What I become wary of is how your personality can change in the process. Some people keep level heads, but not all people do. The attention you start getting is sickening to me (for my own personal reasons), but some people find it flattering and can start basing their self-esteem on their looks. There's just so much that can go awry on the personality/mental front just from losing a few pounds. Self-absorption, unhealthy hyperfocus on aesthetics, hyperfocus on new found attention... right on down to eating disorders. It always starts with losing the first few pounds.


----------



## Eerie (Feb 9, 2011)

Wrinkles, when you lose close to 100 lbs and suddenly you have the face of someone who is at least ten years older than you are. Don't know if that happens to everyone, but it happened to me. Another downside - saggy skin everywhere else. Also suddenly being afraid of food, and a perfectionist. Feeling like you failed not only your self, but other people if you gain ten lbs.


----------



## Curiously (Nov 7, 2011)

When I was much thinner, more of my bones protruded and it got increasingly uncomfortable sitting or lying down on hard surfaces. I'd sit on a chair and wouldn't have enough padding on my bum.

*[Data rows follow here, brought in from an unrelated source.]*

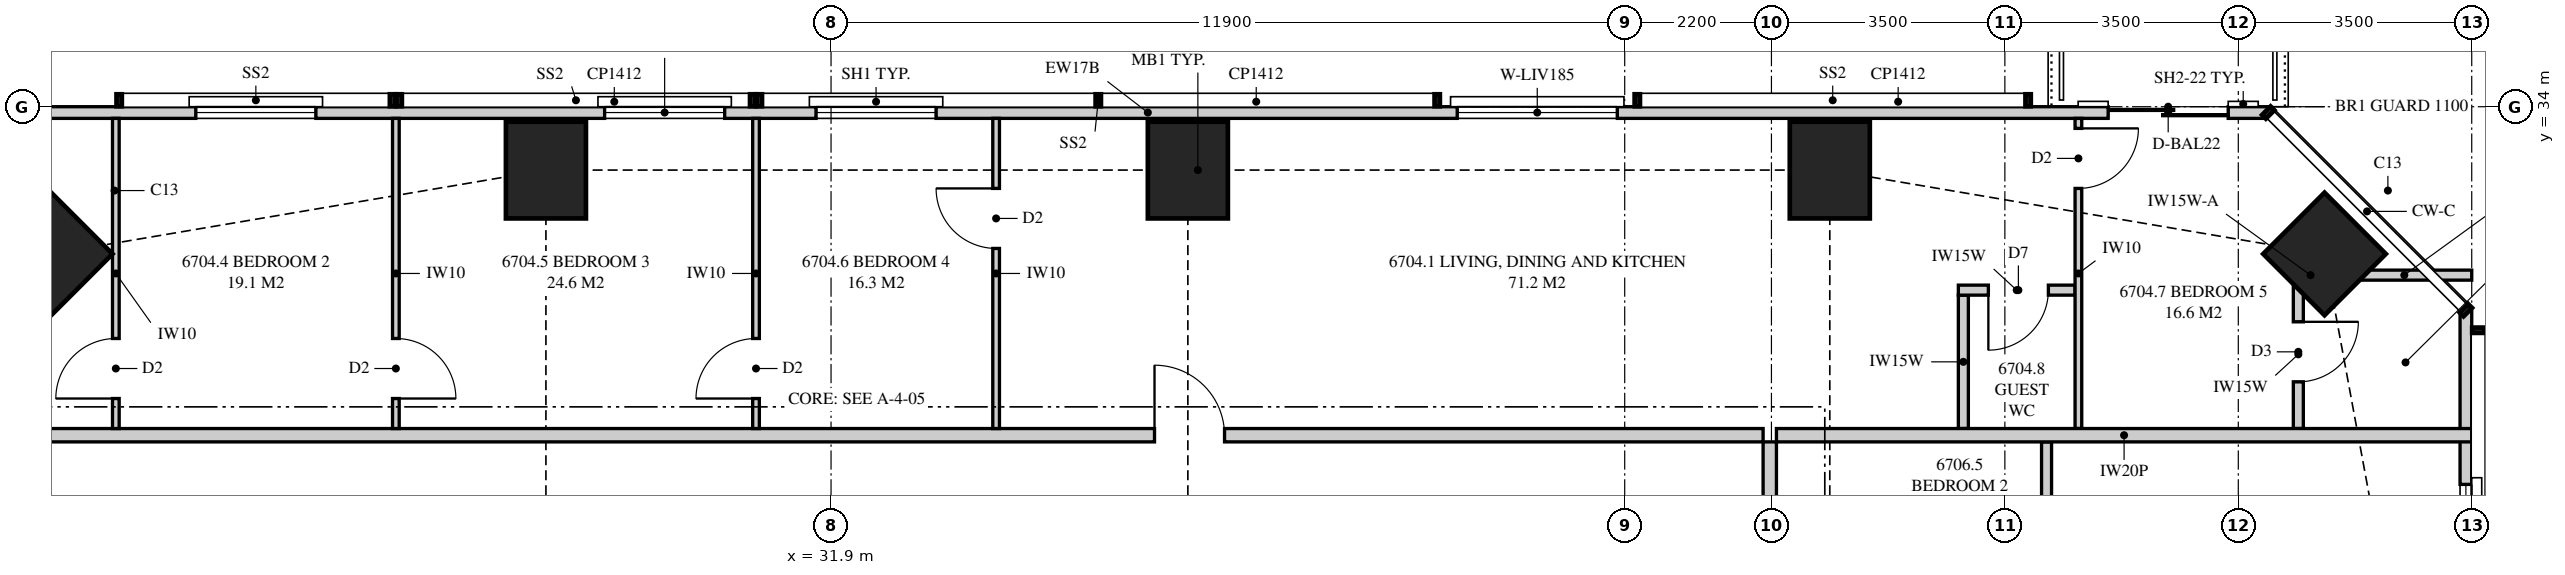
"""IFC4 building model, lengths in metres.
Left out: names, types, materials, properties, quantities, classifications, styles, units other than length and angle.
Written with IfcOpenShell. Run it as: python <this file> out.ifc"""

import sys

from ifc_helpers import new_model, si_unit, direction, frame, frame_2d, origin, origin_2d, place, context, subcontext, project, spatial, polyline, rectangle, outline, extrude, element, fill, save


model = new_model("IFC4")
c1 = context("Model", 3, precision=1e-05, world=origin(), true_north=direction((0.0, 1.0)))
c2 = subcontext(c1, "Body", "Model", "MODEL_VIEW")
j1 = project(units=[si_unit("LENGTHUNIT", "METRE"), si_unit("PLANEANGLEUNIT", "RADIAN")], contexts=[c1])
p1 = place(None, origin())
s1 = spatial("IfcSite", under=j1, at=p1, CompositionType="ELEMENT")
p2 = place(p1, origin())
s2 = spatial("IfcBuilding", under=s1, at=p2, CompositionType="ELEMENT")
p3 = place(p2, frame((0.0, 0.0, 245.95)))
s3 = spatial("IfcBuildingStorey", under=s2, at=p3, CompositionType="ELEMENT", Elevation=245.95)
p4 = place(p3, frame((54.293, 31.793, 0.0), z_axis=(0.0, 0.0, 1.0), x_axis=(0.707106781187, 0.707106781187, 0.0)))
e1 = element("IfcColumn", 1, at=p4, inside=s3, PredefinedType="COLUMN", context=c2, shape_type="SweptSolid", body=[
    extrude(rectangle(XDim=1.3, YDim=1.3, at=origin_2d()), origin(), (0.0, 0.0, 1.0), 3.5),
])
for number, where, z_axis, x_axis in (
    (2, (46.875, 33.05, 0.0), (0.0, 0.0, 1.0), (0.0, 1.0, 0.0)),
    (3, (37.25, 33.05, 0.0), (0.0, 0.0, 1.0), (0.0, 1.0, 0.0)),
    (4, (27.625, 33.05, 0.0), (0.0, 0.0, 1.0), (0.0, 1.0, 0.0)),
):
    element("IfcColumn", number, at=place(p3, frame(where, z_axis=z_axis, x_axis=x_axis)), inside=s3, PredefinedType="COLUMN", context=c2, shape_type="SweptSolid", body=[
        extrude(rectangle(XDim=1.45, YDim=1.2, at=origin_2d()), origin(), (0.0, 0.0, 1.0), 3.5),
    ])
p5 = place(p3, frame((20.207, 31.793, 0.0), z_axis=(0.0, 0.0, 1.0), x_axis=(0.707106781187, 0.707106781187, 0.0)))
e5 = element("IfcColumn", 5, at=p5, inside=s3, PredefinedType="COLUMN", context=c2, shape_type="SweptSolid", body=[
    extrude(rectangle(XDim=1.3, YDim=1.3, at=origin_2d()), origin(), (0.0, 0.0, 1.0), 3.5),
])
p6 = place(p3, frame((56.413, 20.55, 0.0), z_axis=(0.0, 0.0, 1.0), x_axis=(0.0, 1.0, 0.0)))
e6 = element("IfcWall", 6, at=p6, inside=s3, PredefinedType="SOLIDWALL", context=c2, shape_type="SweptSolid", body=[
    extrude(outline(polyline([(0.0, 0.0), (10.399, 0.0), (10.399, 3.26), (4.658, 3.26), (4.658, 2.3), (4.594, 2.3), (4.594, 3.26), (4.45, 3.26), (4.45, 2.3), (0.0, 2.3), (0.0, 0.0)])), frame((0.0, 0.087, 0.0), z_axis=(0.0, -1.0, 0.0), x_axis=(1.0, 0.0, 0.0)), (0.0, 0.0, 1.0), 0.175),
])
p7 = place(p6, frame((1.2, 0.0, 0.4)))
e7 = element("IfcOpeningElement", 7, at=p7, cuts=e6, PredefinedType="OPENING", context=c2, shape_type="SweptSolid", body=[
    extrude(rectangle(XDim=2.4, YDim=1.85, at=frame_2d((1.2, 0.925))), frame((0.0, 0.097, 0.0), z_axis=(0.0, -1.0, 0.0), x_axis=(1.0, 0.0, 0.0)), (0.0, 0.0, 1.0), 0.195),
])
p8 = place(p6, frame((5.988, 0.0, 0.4)))
e8 = element("IfcOpeningElement", 8, at=p8, cuts=e6, PredefinedType="OPENING", context=c2, shape_type="SweptSolid", body=[
    extrude(rectangle(XDim=1.8, YDim=1.85, at=frame_2d((0.9, 0.925))), frame((0.0, 0.097, 0.0), z_axis=(0.0, -1.0, 0.0), x_axis=(1.0, 0.0, 0.0)), (0.0, 0.0, 1.0), 0.195),
])
p9 = place(p3, frame((53.449, 33.913, 0.0), z_axis=(0.0, 0.0, 1.0), x_axis=(-1.0, 0.0, 0.0)))
e9 = element("IfcWall", 9, at=p9, inside=s3, PredefinedType="SOLIDWALL", context=c2, shape_type="SweptSolid", body=[
    extrude(outline(polyline([(0.0, 0.0), (33.597, 0.0), (33.597, 3.26), (26.039, 3.26), (26.039, 2.3), (25.955, 2.3), (25.955, 3.26), (25.824, 3.26), (25.824, 2.3), (6.574, 2.3), (6.574, 3.26), (6.442, 3.26), (6.442, 2.3), (6.359, 2.3), (6.359, 3.26), (0.0, 3.26), (0.0, 0.0)])), frame((0.0, 0.087, 0.0), z_axis=(0.0, -1.0, 0.0), x_axis=(1.0, 0.0, 0.0)), (0.0, 0.0, 1.0), 0.175),
])
p10 = place(p9, frame((0.6, 0.0, 0.0)))
e10 = element("IfcOpeningElement", 10, at=p10, cuts=e9, PredefinedType="OPENING", context=c2, shape_type="SweptSolid", body=[
    extrude(rectangle(XDim=1.8, YDim=2.25, at=frame_2d((0.9, 1.125))), frame((0.0, 0.097, 0.0), z_axis=(0.0, -1.0, 0.0), x_axis=(1.0, 0.0, 0.0)), (0.0, 0.0, 1.0), 0.195),
])
p11 = place(p9, frame((9.76, 0.0, 0.4)))
e11 = element("IfcOpeningElement", 11, at=p11, cuts=e9, PredefinedType="OPENING", context=c2, shape_type="SweptSolid", body=[
    extrude(rectangle(XDim=2.4, YDim=1.85, at=frame_2d((1.2, 0.925))), frame((0.0, 0.097, 0.0), z_axis=(0.0, -1.0, 0.0), x_axis=(1.0, 0.0, 0.0)), (0.0, 0.0, 1.0), 0.195),
])
p12 = place(p9, frame((19.974, 0.0, 0.4)))
e12 = element("IfcOpeningElement", 12, at=p12, cuts=e9, PredefinedType="OPENING", context=c2, shape_type="SweptSolid", body=[
    extrude(rectangle(XDim=1.8, YDim=1.85, at=frame_2d((0.9, 0.925))), frame((0.0, 0.097, 0.0), z_axis=(0.0, -1.0, 0.0), x_axis=(1.0, 0.0, 0.0)), (0.0, 0.0, 1.0), 0.195),
])
p13 = place(p9, frame((23.144, 0.0, 0.4)))
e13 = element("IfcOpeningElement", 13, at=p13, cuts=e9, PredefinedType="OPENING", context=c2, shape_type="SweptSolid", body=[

Or if I'd accidentally bump into something, it'd hurt like a real motherfucker.

I wonder why I'm not as involved as I used to be about staying skinny. Maybe it's with age that I'm appreciating some of my lovely lady lumps.


----------



## Empress Appleia Cattius XII (Dec 22, 2010)

My... my boobs got smaller... :crying:


----------



## Dan E (Jun 15, 2012)

The kind of morons you begin to attract.


----------



## William I am (May 20, 2011)

Your trip to a body of water has an added stop to buy trunks that won't fall off your body.


----------